Fix 2: Serialized, Idempotent Runtime Stop¶
File: cmd/ductile/main.go
rm.mu.Lock()
defer rm.mu.Unlock()
rt.stopOnce.Do(func() {
defer close(rt.stopDone)
rt.cancel()
rt.scheduler.Stop()
rt.wg.Wait()
})
<-rt.stopDone
The reload manager now serializes the full reload lifecycle, and runtime stop is idempotent. That prevents concurrent reloads or shutdown races from stopping the same scheduler twice.
Fix 3: Deterministic Listener Handoff¶
Files: internal/api/server.go, internal/webhook/server.go, cmd/ductile/main.go
go oldRuntime.Stop()
listenerCtx, cancel := context.WithTimeout(ctx, 10*time.Second)
defer cancel()
if err := oldRuntime.WaitListenersStopped(listenerCtx); err != nil {
return api.ReloadResponse{Status: "error", Message: err.Error()}, err
}
runtime, err := buildRuntime(newCfg, rm.configPath, rm.configSource, rm.reloadFunc, rm.errCh)
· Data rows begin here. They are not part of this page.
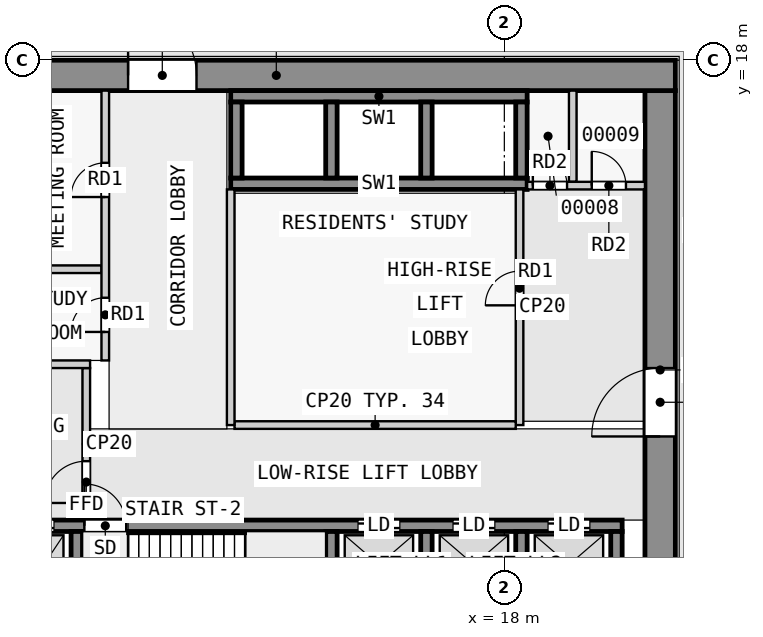
"""IFC4 building model, lengths in metres.
Left out: names, types, materials, properties, quantities, classifications, styles, units other than length and angle.
Written with IfcOpenShell. Run it as: python <this file> out.ifc"""

import sys

from ifc_helpers import new_model, si_unit, direction, frame, frame_2d, origin, place, context, subcontext, project, spatial, rectangle, extrude, element, fill, save


model = new_model("IFC4")
c1 = context("Model", 3, precision=1e-05, world=origin(), true_north=direction((0.0, 1.0)))
c2 = subcontext(c1, "Body", "Model", "MODEL_VIEW")
j1 = project(units=[si_unit("LENGTHUNIT", "METRE"), si_unit("PLANEANGLEUNIT", "RADIAN")], contexts=[c1])
p1 = place(None, origin())
s1 = spatial("IfcSite", under=j1, at=p1, CompositionType="ELEMENT")
p2 = place(p1, origin())
s2 = spatial("IfcBuilding", under=s1, at=p2, CompositionType="ELEMENT")
p3 = place(p2, origin())
s3 = spatial("IfcBuildingStorey", under=s2, at=p3, CompositionType="ELEMENT", Elevation=0.0)
p4 = place(p3, frame((1.5, 17.6, 0.0), z_axis=(0.0, 0.0, 1.0), x_axis=(1.0, 0.0, 0.0)))
e1 = element("IfcWall", 1, at=p4, inside=s3, PredefinedType="SHEAR", context=c2, shape_type="SweptSolid", body=[
    extrude(rectangle(XDim=21.0, YDim=0.8, at=frame_2d((10.5, 0.0))), origin(), (0.0, 0.0, 1.0), 7.65),
])
p5 = place(p4, frame((6.6, 0.0, 0.0)))
e2 = element("IfcOpeningElement", 2, at=p5, cuts=e1, PredefinedType="OPENING", context=c2, shape_type="SweptSolid", body=[
    extrude(rectangle(XDim=1.8, YDim=2.1, at=frame_2d((0.9, 1.05))), frame((0.0, 0.41, 0.0), z_axis=(0.0, -1.0, 0.0), x_axis=(1.0, 0.0, 0.0)), (0.0, 0.0, 1.0), 0.82),
])
p6 = place(p3, frame((22.1, 2.5, 0.0), z_axis=(0.0, 0.0, 1.0), x_axis=(0.0, 1.0, 0.0)))
e3 = element("IfcWall", 3, at=p6, inside=s3, PredefinedType="SHEAR", context=c2, shape_type="SweptSolid", body=[
    extrude(rectangle(XDim=14.7, YDim=0.8, at=frame_2d((7.35, 0.0))), origin(), (0.0, 0.0, 1.0), 7.65),
])
p7 = place(p6, frame((5.6, 0.0, 0.0)))
e4 = element("IfcOpeningElement", 4, at=p7, cuts=e3, PredefinedType="OPENING", context=c2, shape_type="SweptSolid", body=[
    extrude(rectangle(XDim=1.8, YDim=2.1, at=frame_2d((0.9, 1.05))), frame((0.0, 0.41, 0.0), z_axis=(0.0, -1.0, 0.0), x_axis=(1.0, 0.0, 0.0)), (0.0, 0.0, 1.0), 0.82),
])
for number, where, z_axis, x_axis in (
    (5, (6.75, 2.8, 0.0), (0.0, 0.0, 1.0), (0.0, 1.0, 0.0)),
    (6, (13.45, 2.8, 0.0), (0.0, 0.0, 1.0), (0.0, 1.0, 0.0)),
    (7, (15.95, 2.8, 0.0), (0.0, 0.0, 1.0), (0.0, 1.0, 0.0)),
    (8, (18.45, 2.8, 0.0), (0.0, 0.0, 1.0), (0.0, 1.0, 0.0)),
    (9, (20.95, 2.8, 0.0), (0.0, 0.0, 1.0), (0.0, 1.0, 0.0)),
):
    element("IfcWall", number, at=place(p3, frame(where, z_axis=z_axis, x_axis=x_axis)), inside=s3, PredefinedType="SHEAR", context=c2, shape_type="SweptSolid", body=[
        extrude(rectangle(XDim=2.8, YDim=0.3, at=frame_2d((1.4, 0.0))), origin(), (0.0, 0.0, 1.0), 7.65),
    ])
p8 = place(p3, frame((2.3, 5.75, 0.0), z_axis=(0.0, 0.0, 1.0), x_axis=(1.0, 0.0, 0.0)))
e10 = element("IfcWall", 10, at=p8, inside=s3, PredefinedType="SHEAR", context=c2, shape_type="SweptSolid", body=[
    extrude(rectangle(XDim=18.8, YDim=0.3, at=frame_2d((9.4, 0.0))), origin(), (0.0, 0.0, 1.0), 7.65),
])
p9 = place(p8, frame((4.65, 0.0, 0.0)))
e11 = element("IfcOpeningElement", 11, at=p9, cuts=e10, PredefinedType="OPENING", context=c2, shape_type="SweptSolid", body=[
    extrude(rectangle(XDim=1.1, YDim=2.1, at=frame_2d((0.55, 1.05))), frame((0.0, 0.16, 0.0), z_axis=(0.0, -1.0, 0.0), x_axis=(1.0, 0.0, 0.0)), (0.0, 0.0, 1.0), 0.32),
])
p10 = place(p8, frame((0.45, 0.0, 0.0)))
e12 = element("IfcOpeningElement", 12, at=p10, cuts=e10, PredefinedType="OPENING", context=c2, shape_type="SweptSolid", body=[
    extrude(rectangle(XDim=1.1, YDim=2.1, at=frame_2d((0.55, 1.05))), frame((0.0, 0.16, 0.0), z_axis=(0.0, -1.0, 0.0), x_axis=(1.0, 0.0, 0.0)), (0.0, 0.0, 1.0), 0.32),
])
p11 = place(p8, frame((2.75, 0.0, 0.0)))
e13 = element("IfcOpeningElement", 13, at=p11, cuts=e10, PredefinedType="OPENING", context=c2, shape_type="SweptSolid", body=[
    extrude(rectangle(XDim=1.1, YDim=2.1, at=frame_2d((0.55, 1.05))), frame((0.0, 0.16, 0.0), z_axis=(0.0, -1.0, 0.0), x_axis=(1.0, 0.0, 0.0)), (0.0, 0.0, 1.0), 0.32),
])
p12 = place(p8, frame((11.85, 0.0, 0.0)))
e14 = element("IfcOpeningElement", 14, at=p12, cuts=e10, PredefinedType="OPENING", context=c2, shape_type="SweptSolid", body=[
    extrude(rectangle(XDim=1.1, YDim=2.1, at=frame_2d((0.55, 1.05))), frame((0.0, 0.16, 0.0), z_axis=(0.0, -1.0, 0.0), x_axis=(1.0, 0.0, 0.0)), (0.0, 0.0, 1.0), 0.32),
])
p13 = place(p8, frame((14.35, 0.0, 0.0)))
e15 = element("IfcOpeningElement", 15, at=p13, cuts=e10, PredefinedType="OPENING", context=c2, shape_type="SweptSolid", body=[
    extrude(rectangle(XDim=1.1, YDim=2.1, at=frame_2d((0.55, 1.05))), frame((0.0, 0.16, 0.0), z_axis=(0.0, -1.0, 0.0), x_axis=(1.0, 0.0, 0.0)), (0.0, 0.0, 1.0), 0.32),
])
p14 = place(p8, frame((16.85, 0.0, 0.0)))
e16 = element("IfcOpeningElement", 16, at=p14, cuts=e10, PredefinedType="OPENING", context=c2, shape_type="SweptSolid", body=[
    extrude(rectangle(XDim=1.1, YDim=2.1, at=frame_2d((0.55, 1.05))), frame((0.0, 0.16, 0.0), z_axis=(0.0, -1.0, 0.0), x_axis=(1.0, 0.0, 0.0)), (0.0, 0.0, 1.0), 0.32),
])
for number, where, z_axis, x_axis in (
    (17, (10.8, 17.05, 0.0), (0.0, 0.0, 1.0), (1.0, 0.0, 0.0)),
    (18, (10.8, 14.75, 0.0), (0.0, 0.0, 1.0), (1.0, 0.0, 0.0)),
):
    element("IfcWall", number, at=place(p3, frame(where, z_axis=z_axis, x_axis=x_axis)), inside=s3, PredefinedType="SHEAR", context=c2, shape_type="SweptSolid", body=[
        extrude(rectangle(XDim=7.8, YDim=0.3, at=frame_2d((3.9, 0.0))), origin(), (0.0, 0.0, 1.0), 7.65),
    ])
for number, where, z_axis, x_axis in (
    (19, (10.95, 14.9, 0.0), (0.0, 0.0, 1.0), (0.0, 1.0, 0.0)),
    (20, (13.45, 14.9, 0.0), (0.0, 0.0, 1.0), (0.0, 1.0, 0.0)),
    (21, (15.95, 14.9, 0.0), (0.0, 0.0, 1.0), (0.0, 1.0, 0.0)),
    (22, (18.45, 14.9, 0.0), (0.0, 0.0, 1.0), (0.0, 1.0, 0.0)),
):
    element("IfcWall", number, at=place(p3, frame(where, z_axis=z_axis, x_axis=x_axis)), inside=s3, PredefinedType="SHEAR", context=c2, shape_type="SweptSolid", body=[
        extrude(rectangle(XDim=2.0, YDim=0.3, at=frame_2d((1.0, 0.0))), origin(), (0.0, 0.0, 1.0), 7.65),
    ])
p15 = place(p3, frame((7.0, 5.9, 0.0), z_axis=(0.0, 0.0, 1.0), x_axis=(0.0, 1.0, 0.0)))
e23 = element("IfcWall", 23, at=p15, inside=s3, PredefinedType="PARTITIONING", context=c2, shape_type="SweptSolid", body=[
    extrude(rectangle(XDim=4.0, YDim=0.2, at=frame_2d((2.0, 0.0))), origin(), (0.0, 0.0, 1.0), 7.65),
])
p16 = place(p15, frame((0.45, 0.0, 0.0)))
e24 = element("IfcOpeningElement", 24, at=p16, cuts=e23, PredefinedType="OPENING", context=c2, shape_type="SweptSolid", body=[
    extrude(rectangle(XDim=1.1, YDim=2.1, at=frame_2d((0.55, 1.05))), frame((0.0, 0.11, 0.0), z_axis=(0.0, -1.0, 0.0), x_axis=(1.0, 0.0, 0.0)), (0.0, 0.0, 1.0), 0.22),
])
p17 = place(p3, frame((5.15, 10.0, 0.0), z_axis=(0.0, 0.0, 1.0), x_axis=(1.0, 0.0, 0.0)))
e25 = element("IfcWall", 25, at=p17, inside=s3, PredefinedType="PARTITIONING", context=c2, shape_type="SweptSolid", body=[
    extrude(rectangle(XDim=1.95, YDim=0.2, at=frame_2d((0.975, 0.0))), origin(), (0.0, 0.0, 1.0), 7.65),
])
p18 = place(p3, frame((10.8, 8.4, 0.0), z_axis=(0.0, 0.0, 1.0), x_axis=(0.0, 1.0, 0.0)))
e26 = element("IfcWall", 26, at=p18, inside=s3, PredefinedType="PARTITIONING", context=c2, shape_type="SweptSolid", body=[
    extrude(rectangle(XDim=6.2, YDim=0.2, at=frame_2d((3.1, 0.0))), origin(), (0.0, 0.0, 1.0), 7.65),
])
p19 = place(p3, frame((10.9, 8.4, 0.0), z_axis=(0.0, 0.0, 1.0), x_axis=(1.0, 0.0, 0.0)))
e27 = element("IfcWall", 27, at=p19, inside=s3, PredefinedType="PARTITIONING", context=c2, shape_type="SweptSolid", body=[
    extrude(rectangle(XDim=7.4, YDim=0.2, at=frame_2d((3.7, 0.0))), origin(), (0.0, 0.0, 1.0), 7.65),
])
p20 = place(p3, frame((18.4, 8.4, 0.0), z_axis=(0.0, 0.0, 1.0), x_axis=(0.0, 1.0, 0.0)))
e28 = element("IfcWall", 28, at=p20, inside=s3, PredefinedType="PARTITIONING", context=c2, shape_type="SweptSolid", body=[
    extrude(rectangle(XDim=6.2, YDim=0.2, at=frame_2d((3.1, 0.0))), origin(), (0.0, 0.0, 1.0), 7.65),
])
p21 = place(p20, frame((3.15, 0.0, 0.0)))
e29 = element("IfcOpeningElement", 29, at=p21, cuts=e28, PredefinedType="OPENING", context=c2, shape_type="SweptSolid", body=[
    extrude(rectangle(XDim=0.9, YDim=2.1, at=frame_2d((0.45, 1.05))), frame((0.0, 0.11, 0.0), z_axis=(0.0, -1.0, 0.0), x_axis=(1.0, 0.0, 0.0)), (0.0, 0.0, 1.0), 0.22),
])
p22 = place(p3, frame((7.5, 10.1, 0.0), z_axis=(0.0, 0.0, 1.0), x_axis=(0.0, 1.0, 0.0)))
e30 = element("IfcWall", 30, at=p22, inside=s3, PredefinedType="PARTITIONING", context=c2, shape_type="SweptSolid", body=[
    extrude(rectangle(XDim=7.1, YDim=0.2, at=frame_2d((3.55, 0.0))), origin(), (0.0, 0.0, 1.0), 7.65),
])
p23 = place(p22, frame((0.75, 0.0, 0.0)))
e31 = element("IfcOpeningElement", 31, at=p23, cuts=e30, PredefinedType="OPENING", context=c2, shape_type="SweptSolid", body=[
    extrude(rectangle(XDim=0.9, YDim=2.1, at=frame_2d((0.45, 1.05))), frame((0.0, 0.11, 0.0), z_axis=(0.0, -1.0, 0.0), x_axis=(1.0, 0.0, 0.0)), (0.0, 0.0, 1.0), 0.22),
])
p24 = place(p22, frame((4.3, 0.0, 0.0)))
e32 = element("IfcOpeningElement", 32, at=p24, cuts=e30, PredefinedType="OPENING", context=c2, shape_type="SweptSolid", body=[
    extrude(rectangle(XDim=0.9, YDim=2.1, at=frame_2d((0.45, 1.05))), frame((0.0, 0.11, 0.0), z_axis=(0.0, -1.0, 0.0), x_axis=(1.0, 0.0, 0.0)), (0.0, 0.0, 1.0), 0.22),
])
p25 = place(p3, frame((5.15, 12.5, 0.0), z_axis=(0.0, 0.0, 1.0), x_axis=(1.0, 0.0, 0.0)))
e33 = element("IfcWall", 33, at=p25, inside=s3, PredefinedType="PARTITIONING", context=c2, shape_type="SweptSolid", body=[
    extrude(rectangle(XDim=2.25, YDim=0.2, at=frame_2d((1.125, 0.0))), origin(), (0.0, 0.0, 1.0), 7.65),
])
p26 = place(p3, frame((18.6, 14.7, 0.0), z_axis=(0.0, 0.0, 1.0), x_axis=(1.0, 0.0, 0.0)))
e34 = element("IfcWall", 34, at=p26, inside=s3, PredefinedType="PARTITIONING", context=c2, shape_type="SweptSolid", body=[
    extrude(rectangle(XDim=3.1, YDim=0.2, at=frame_2d((1.55, 0.0))), origin(), (0.0, 0.0, 1.0), 7.65),
])
p27 = place(p26, frame((0.15, 0.0, 0.0)))
e35 = element("IfcOpeningElement", 35, at=p27, cuts=e34, PredefinedType="OPENING", context=c2, shape_type="SweptSolid", body=[
    extrude(rectangle(XDim=0.9, YDim=2.1, at=frame_2d((0.45, 1.05))), frame((0.0, 0.11, 0.0), z_axis=(0.0, -1.0, 0.0), x_axis=(1.0, 0.0, 0.0)), (0.0, 0.0, 1.0), 0.22),
])
p28 = place(p26, frame((1.7, 0.0, 0.0)))
e36 = element("IfcOpeningElement", 36, at=p28, cuts=e34, PredefinedType="OPENING", context=c2, shape_type="SweptSolid", body=[
    extrude(rectangle(XDim=0.9, YDim=2.1, at=frame_2d((0.45, 1.05))), frame((0.0, 0.11, 0.0), z_axis=(0.0, -1.0, 0.0), x_axis=(1.0, 0.0, 0.0)), (0.0, 0.0, 1.0), 0.22),
])
p29 = place(p3, frame((19.8, 14.8, 0.0), z_axis=(0.0, 0.0, 1.0), x_axis=(0.0, 1.0, 0.0)))
e37 = element("IfcWall", 37, at=p29, inside=s3, PredefinedType="PARTITIONING", context=c2, shape_type="SweptSolid", body=[
    extrude(rectangle(XDim=2.4, YDim=0.2, at=frame_2d((1.2, 0.0))), origin(), (0.0, 0.0, 1.0), 7.65),
])
p30 = place(p16, origin())
e38 = element("IfcDoor", 38, at=p30, inside=s3, OperationType="SINGLE_SWING_LEFT", PredefinedType="DOOR", context=c2, shape_type="SweptSolid", body=[
    extrude(rectangle(XDim=1.1, YDim=2.1, at=frame_2d((0.55, 1.05))), frame((0.0, 0.025, 0.0), z_axis=(0.0, -1.0, 0.0), x_axis=(1.0, 0.0, 0.0)), (0.0, 0.0, 1.0), 0.05),
])
fill(e24, e38)
p31 = place(p21, origin())
e39 = element("IfcDoor", 39, at=p31, inside=s3, OperationType="SINGLE_SWING_LEFT", PredefinedType="DOOR", context=c2, shape_type="SweptSolid", body=[
    extrude(rectangle(XDim=0.9, YDim=2.1, at=frame_2d((0.45, 1.05))), frame((0.0, 0.025, 0.0), z_axis=(0.0, -1.0, 0.0), x_axis=(1.0, 0.0, 0.0)), (0.0, 0.0, 1.0), 0.05),
])
fill(e29, e39)
p32 = place(p9, origin())
e40 = element("IfcDoor", 40, at=p32, inside=s3, OperationType="SINGLE_SWING_LEFT", PredefinedType="DOOR", context=c2, shape_type="SweptSolid", body=[
    extrude(rectangle(XDim=1.1, YDim=2.1, at=frame_2d((0.55, 1.05))), frame((0.0, 0.025, 0.0), z_axis=(0.0, -1.0, 0.0), x_axis=(1.0, 0.0, 0.0)), (0.0, 0.0, 1.0), 0.05),
])
fill(e11, e40)
p33 = place(p11, origin())
e41 = element("IfcDoor", 41, at=p33, inside=s3, OperationType="DOUBLE_DOOR_SLIDING", PredefinedType="DOOR", context=c2, shape_type="SweptSolid", body=[
    extrude(rectangle(XDim=1.1, YDim=2.1, at=frame_2d((0.55, 1.05))), frame((0.0, 0.025, 0.0), z_axis=(0.0, -1.0, 0.0), x_axis=(1.0, 0.0, 0.0)), (0.0, 0.0, 1.0), 0.05),
])
fill(e13, e41)
p34 = place(p12, origin())
e42 = element("IfcDoor", 42, at=p34, inside=s3, OperationType="DOUBLE_DOOR_SLIDING", PredefinedType="DOOR", context=c2, shape_type="SweptSolid", body=[
    extrude(rectangle(XDim=1.1, YDim=2.1, at=frame_2d((0.55, 1.05))), frame((0.0, 0.025, 0.0), z_axis=(0.0, -1.0, 0.0), x_axis=(1.0, 0.0, 0.0)), (0.0, 0.0, 1.0), 0.05),
])
fill(e14, e42)
p35 = place(p13, origin())
e43 = element("IfcDoor", 43, at=p35, inside=s3, OperationType="DOUBLE_DOOR_SLIDING", PredefinedType="DOOR", context=c2, shape_type="SweptSolid", body=[
    extrude(rectangle(XDim=1.1, YDim=2.1, at=frame_2d((0.55, 1.05))), frame((0.0, 0.025, 0.0), z_axis=(0.0, -1.0, 0.0), x_axis=(1.0, 0.0, 0.0)), (0.0, 0.0, 1.0), 0.05),
])
fill(e15, e43)
p36 = place(p14, origin())
e44 = element("IfcDoor", 44, at=p36, inside=s3, OperationType="DOUBLE_DOOR_SLIDING", PredefinedType="DOOR", context=c2, shape_type="SweptSolid", body=[
    extrude(rectangle(XDim=1.1, YDim=2.1, at=frame_2d((0.55, 1.05))), frame((0.0, 0.025, 0.0), z_axis=(0.0, -1.0, 0.0), x_axis=(1.0, 0.0, 0.0)), (0.0, 0.0, 1.0), 0.05),
])
fill(e16, e44)
p37 = place(p7, origin())
e45 = element("IfcDoor", 45, at=p37, inside=s3, OperationType="DOUBLE_DOOR_SINGLE_SWING", PredefinedType="DOOR", context=c2, shape_type="SweptSolid", body=[
    extrude(rectangle(XDim=1.8, YDim=2.1, at=frame_2d((0.9, 1.05))), frame((0.0, 0.025, 0.0), z_axis=(0.0, -1.0, 0.0), x_axis=(1.0, 0.0, 0.0)), (0.0, 0.0, 1.0), 0.05),
])
fill(e4, e45)
p38 = place(p5, origin())
e46 = element("IfcDoor", 46, at=p38, inside=s3, OperationType="DOUBLE_DOOR_SINGLE_SWING", PredefinedType="DOOR", context=c2, shape_type="SweptSolid", body=[
    extrude(rectangle(XDim=1.8, YDim=2.1, at=frame_2d((0.9, 1.05))), frame((0.0, 0.025, 0.0), z_axis=(0.0, -1.0, 0.0), x_axis=(1.0, 0.0, 0.0)), (0.0, 0.0, 1.0), 0.05),
])
fill(e2, e46)
p39 = place(p23, origin())
e47 = element("IfcDoor", 47, at=p39, inside=s3, OperationType="SINGLE_SWING_RIGHT", PredefinedType="DOOR", context=c2, shape_type="SweptSolid", body=[
    extrude(rectangle(XDim=0.9, YDim=2.1, at=frame_2d((0.45, 1.05))), frame((0.0, 0.025, 0.0), z_axis=(0.0, -1.0, 0.0), x_axis=(1.0, 0.0, 0.0)), (0.0, 0.0, 1.0), 0.05),
])
fill(e31, e47)
p40 = place(p24, origin())
e48 = element("IfcDoor", 48, at=p40, inside=s3, OperationType="SINGLE_SWING_RIGHT", PredefinedType="DOOR", context=c2, shape_type="SweptSolid", body=[
    extrude(rectangle(XDim=0.9, YDim=2.1, at=frame_2d((0.45, 1.05))), frame((0.0, 0.025, 0.0), z_axis=(0.0, -1.0, 0.0), x_axis=(1.0, 0.0, 0.0)), (0.0, 0.0, 1.0), 0.05),
])
fill(e32, e48)
p41 = place(p27, origin())
e49 = element("IfcDoor", 49, at=p41, inside=s3, OperationType="SINGLE_SWING_LEFT", PredefinedType="DOOR", context=c2, shape_type="SweptSolid", body=[
    extrude(rectangle(XDim=0.9, YDim=2.1, at=frame_2d((0.45, 1.05))), frame((0.0, 0.025, 0.0), z_axis=(0.0, -1.0, 0.0), x_axis=(1.0, 0.0, 0.0)), (0.0, 0.0, 1.0), 0.05),
])
fill(e35, e49)
p42 = place(p28, origin())
e50 = element("IfcDoor", 50, at=p42, inside=s3, OperationType="SINGLE_SWING_LEFT", PredefinedType="DOOR", context=c2, shape_type="SweptSolid", body=[
    extrude(rectangle(XDim=0.9, YDim=2.1, at=frame_2d((0.45, 1.05))), frame((0.0, 0.025, 0.0), z_axis=(0.0, -1.0, 0.0), x_axis=(1.0, 0.0, 0.0)), (0.0, 0.0, 1.0), 0.05),
])
fill(e36, e50)
save(model, sys.argv[1])

The old runtime still shuts down in the background so the self-initiating reload request can return, but the replacement runtime is not built until the old API and webhook serve loops have stopped. This removes the fixed sleep from the port handoff.
Sequence Diagram¶
Client API Server Reload Manager
| | |
|--- POST /reload ------>| |
| |--- reloadFunc() ----->|
| | |
| | [loads new config]
| | [validates integrity]
| | |
| | [go oldRuntime.Stop()]
| | [wait for listeners stopped]
| | |
| | [build new runtime]
| | |
| | [swap runtimes]
| | |
| |<-- success -----------|
|<-- 200 OK -------------| |
| | |
Verification¶
Automated verification:
go test ./internal/api ./internal/webhook
go test ./cmd/ductile -run TestRuntimeStateStopIsIdempotent -count=1
go test -race ./cmd/ductile -run TestRuntimeStateStopIsIdempotent -count=1
go test -race ./internal/api -run TestServerWaitServeStoppedAfterCancel -count=1
Pending live smoke verification:
Files Modified¶
| File | Change |
|---|---|
internal/api/handlers.go |
Detach reload from client disconnects |
internal/api/server.go |
Expose serve-loop completion |
internal/webhook/server.go |
Expose serve-loop completion |
cmd/ductile/main.go |
Serialize reload, make runtime stop idempotent, wait for listener handoff |
Lessons Learned¶
-
Do not bind reload to client disconnects: Once a protected reload begins, it should either complete or fail explicitly.
-
Graceful shutdown must not wait for itself: If a handler initiates shutdown, it cannot wait for shutdown to complete.
-
Port handoff needs a real signal: Fixed sleeps reduce failure probability but do not establish correctness.
-
Stop paths must be idempotent: Shutdown and reload can race with each other; stopping an already-stopping runtime must be safe.
Related Configuration¶
The reload command validates these constraints:
- Config must be locked:
ductile config lock - Cannot change:
state.path,api.listen,webhooks.listen
See validateReloadableFields() in cmd/ductile/main.go for implementation.